Outre le défunt, il y a également eu également d’autres victimes durant cette bagarre et qui se sont constituées partie civile ; sans pour autant réclamer de dédommagements. Il s’agit des membres de la famille du responsable politique Mamadou Ndiaye dit Vieux, chez qui tout est parti. Parmi ces victimes, son fils, Cheikh Abdou Khadre Dieylani Ndiaye, qui s’en est tiré avec une Itt de 30 jours pour avoir reçu une batte de baseball à la mâchoire qui a occasionné la perte de ses deux dents. Djibril Kébé a lui aussi été victime d’un coup de couteau à l’épaule avec une plaie profonde qui lui a causé une fracture.
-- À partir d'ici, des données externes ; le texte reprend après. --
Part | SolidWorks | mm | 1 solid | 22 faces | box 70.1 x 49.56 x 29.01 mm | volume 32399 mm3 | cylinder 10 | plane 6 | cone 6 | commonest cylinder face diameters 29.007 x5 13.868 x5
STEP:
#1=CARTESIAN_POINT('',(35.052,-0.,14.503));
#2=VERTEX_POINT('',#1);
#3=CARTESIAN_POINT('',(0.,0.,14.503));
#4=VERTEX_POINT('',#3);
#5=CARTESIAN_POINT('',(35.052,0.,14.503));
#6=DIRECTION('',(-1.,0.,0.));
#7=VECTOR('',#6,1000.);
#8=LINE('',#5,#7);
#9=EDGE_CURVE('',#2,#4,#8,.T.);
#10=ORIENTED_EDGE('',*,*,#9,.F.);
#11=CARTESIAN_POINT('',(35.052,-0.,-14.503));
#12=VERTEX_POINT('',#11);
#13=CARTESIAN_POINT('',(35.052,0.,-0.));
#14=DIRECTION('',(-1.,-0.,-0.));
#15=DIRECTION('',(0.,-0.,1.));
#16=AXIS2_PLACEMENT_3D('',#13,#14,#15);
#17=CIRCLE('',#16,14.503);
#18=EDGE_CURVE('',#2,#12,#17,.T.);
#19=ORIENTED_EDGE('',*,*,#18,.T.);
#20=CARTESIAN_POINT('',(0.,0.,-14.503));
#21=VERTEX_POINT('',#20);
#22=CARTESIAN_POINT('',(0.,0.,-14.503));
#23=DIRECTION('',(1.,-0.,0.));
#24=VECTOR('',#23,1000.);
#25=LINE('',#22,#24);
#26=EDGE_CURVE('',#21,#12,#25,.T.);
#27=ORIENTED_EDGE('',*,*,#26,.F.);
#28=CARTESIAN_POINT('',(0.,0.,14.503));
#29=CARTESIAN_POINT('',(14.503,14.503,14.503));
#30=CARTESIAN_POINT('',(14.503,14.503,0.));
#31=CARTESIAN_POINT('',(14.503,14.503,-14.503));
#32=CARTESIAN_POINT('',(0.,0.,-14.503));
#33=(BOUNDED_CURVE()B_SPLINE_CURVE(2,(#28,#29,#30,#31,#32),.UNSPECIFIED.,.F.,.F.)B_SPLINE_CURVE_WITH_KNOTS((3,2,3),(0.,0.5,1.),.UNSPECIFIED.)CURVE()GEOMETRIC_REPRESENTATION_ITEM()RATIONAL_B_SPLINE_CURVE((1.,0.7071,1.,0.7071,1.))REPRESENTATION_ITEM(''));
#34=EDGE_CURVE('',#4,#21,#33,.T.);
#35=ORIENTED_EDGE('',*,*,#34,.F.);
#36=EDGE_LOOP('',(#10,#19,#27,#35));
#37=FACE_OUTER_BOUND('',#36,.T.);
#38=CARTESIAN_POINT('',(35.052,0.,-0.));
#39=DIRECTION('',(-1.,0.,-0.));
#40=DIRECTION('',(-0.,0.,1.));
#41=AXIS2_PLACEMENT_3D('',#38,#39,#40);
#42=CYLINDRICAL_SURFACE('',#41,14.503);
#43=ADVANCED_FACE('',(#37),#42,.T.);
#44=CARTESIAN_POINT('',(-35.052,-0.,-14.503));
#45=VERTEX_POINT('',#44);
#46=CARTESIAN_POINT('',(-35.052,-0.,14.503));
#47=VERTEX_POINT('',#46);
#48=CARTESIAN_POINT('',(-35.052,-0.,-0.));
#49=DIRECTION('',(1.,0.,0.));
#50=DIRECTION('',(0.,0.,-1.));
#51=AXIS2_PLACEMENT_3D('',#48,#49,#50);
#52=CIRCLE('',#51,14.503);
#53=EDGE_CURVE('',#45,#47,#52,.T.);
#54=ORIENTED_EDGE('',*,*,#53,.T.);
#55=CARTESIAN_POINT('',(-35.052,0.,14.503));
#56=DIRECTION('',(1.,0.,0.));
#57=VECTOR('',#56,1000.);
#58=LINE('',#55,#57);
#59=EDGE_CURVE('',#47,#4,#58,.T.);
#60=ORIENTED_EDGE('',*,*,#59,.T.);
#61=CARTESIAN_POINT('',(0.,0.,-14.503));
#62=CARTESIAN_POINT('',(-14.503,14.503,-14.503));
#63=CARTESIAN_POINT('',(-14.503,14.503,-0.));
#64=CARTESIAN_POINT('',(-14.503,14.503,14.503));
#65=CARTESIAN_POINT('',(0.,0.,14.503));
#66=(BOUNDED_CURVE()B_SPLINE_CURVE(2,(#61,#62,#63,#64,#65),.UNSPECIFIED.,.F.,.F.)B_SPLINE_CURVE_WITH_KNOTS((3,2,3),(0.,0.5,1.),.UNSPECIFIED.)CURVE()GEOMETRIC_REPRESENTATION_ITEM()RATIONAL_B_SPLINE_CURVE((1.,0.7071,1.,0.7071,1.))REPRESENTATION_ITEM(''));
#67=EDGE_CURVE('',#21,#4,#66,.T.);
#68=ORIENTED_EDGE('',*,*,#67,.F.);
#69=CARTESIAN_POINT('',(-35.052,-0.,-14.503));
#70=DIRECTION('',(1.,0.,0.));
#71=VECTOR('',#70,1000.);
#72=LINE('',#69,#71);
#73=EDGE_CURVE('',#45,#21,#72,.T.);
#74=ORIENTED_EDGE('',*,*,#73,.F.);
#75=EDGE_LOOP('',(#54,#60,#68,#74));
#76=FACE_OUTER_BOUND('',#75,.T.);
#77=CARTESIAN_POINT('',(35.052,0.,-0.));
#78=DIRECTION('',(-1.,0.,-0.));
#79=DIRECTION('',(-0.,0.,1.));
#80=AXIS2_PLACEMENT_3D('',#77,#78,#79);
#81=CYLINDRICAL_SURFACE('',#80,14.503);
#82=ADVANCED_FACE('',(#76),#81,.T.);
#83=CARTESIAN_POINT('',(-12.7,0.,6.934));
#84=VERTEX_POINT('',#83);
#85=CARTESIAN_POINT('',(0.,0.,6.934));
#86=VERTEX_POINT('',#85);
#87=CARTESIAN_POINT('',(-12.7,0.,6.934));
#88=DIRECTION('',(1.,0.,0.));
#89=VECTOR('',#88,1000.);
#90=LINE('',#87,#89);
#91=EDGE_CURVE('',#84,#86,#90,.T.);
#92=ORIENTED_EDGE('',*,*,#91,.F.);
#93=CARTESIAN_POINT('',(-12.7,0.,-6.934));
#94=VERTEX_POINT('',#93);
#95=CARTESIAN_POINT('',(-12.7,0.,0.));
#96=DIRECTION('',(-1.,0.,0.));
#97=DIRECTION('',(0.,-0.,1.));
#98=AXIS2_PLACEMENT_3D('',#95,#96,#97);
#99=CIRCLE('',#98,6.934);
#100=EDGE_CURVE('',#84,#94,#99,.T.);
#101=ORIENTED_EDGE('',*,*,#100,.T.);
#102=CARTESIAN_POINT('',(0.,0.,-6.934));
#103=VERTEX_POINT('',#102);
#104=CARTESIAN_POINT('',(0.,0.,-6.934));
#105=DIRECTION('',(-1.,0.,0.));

Avec un certificat médical d’une Itt de 45 jours, il n’a pas été en mesure d’identifier son bourreau à la barre. Tout comme les autres victimes.
 
Me Etienne Ndione charge le parquet
 
Me Etienne Ndione, conseil de Ousmane Sidibé, considère que cette affaire est difficile à juger. A l’en croire, rien n’a été fait par la police scientifique qui était pourtant sur les lieux pour aider les juges. «On parle de prélèvements qui auraient été effectués, mais nous n’avons vu aucun résultat», s’indigne-t-il. S’y ajoute des vidéos amateurs floues où on ne peut rien voir. Même les parties civiles n’ont pas reconnu les assaillants. Ce qui lui fait dire que le défunt a été victime d’un système. «Tout le Sénégal savait que les candidats avaient des armes blanches sans autorisation. Quel est le procureur ou le gendarme qui s’est levé pour s’insurger ? Personne. C’est à la suite de la mort de Ibou Diop qu’on a décidé d’escorter les candidats par des gendarmes», martèle l’avocat qui se désole de constater l’absence de ces responsables politiques pour qui ces personnes se battaient.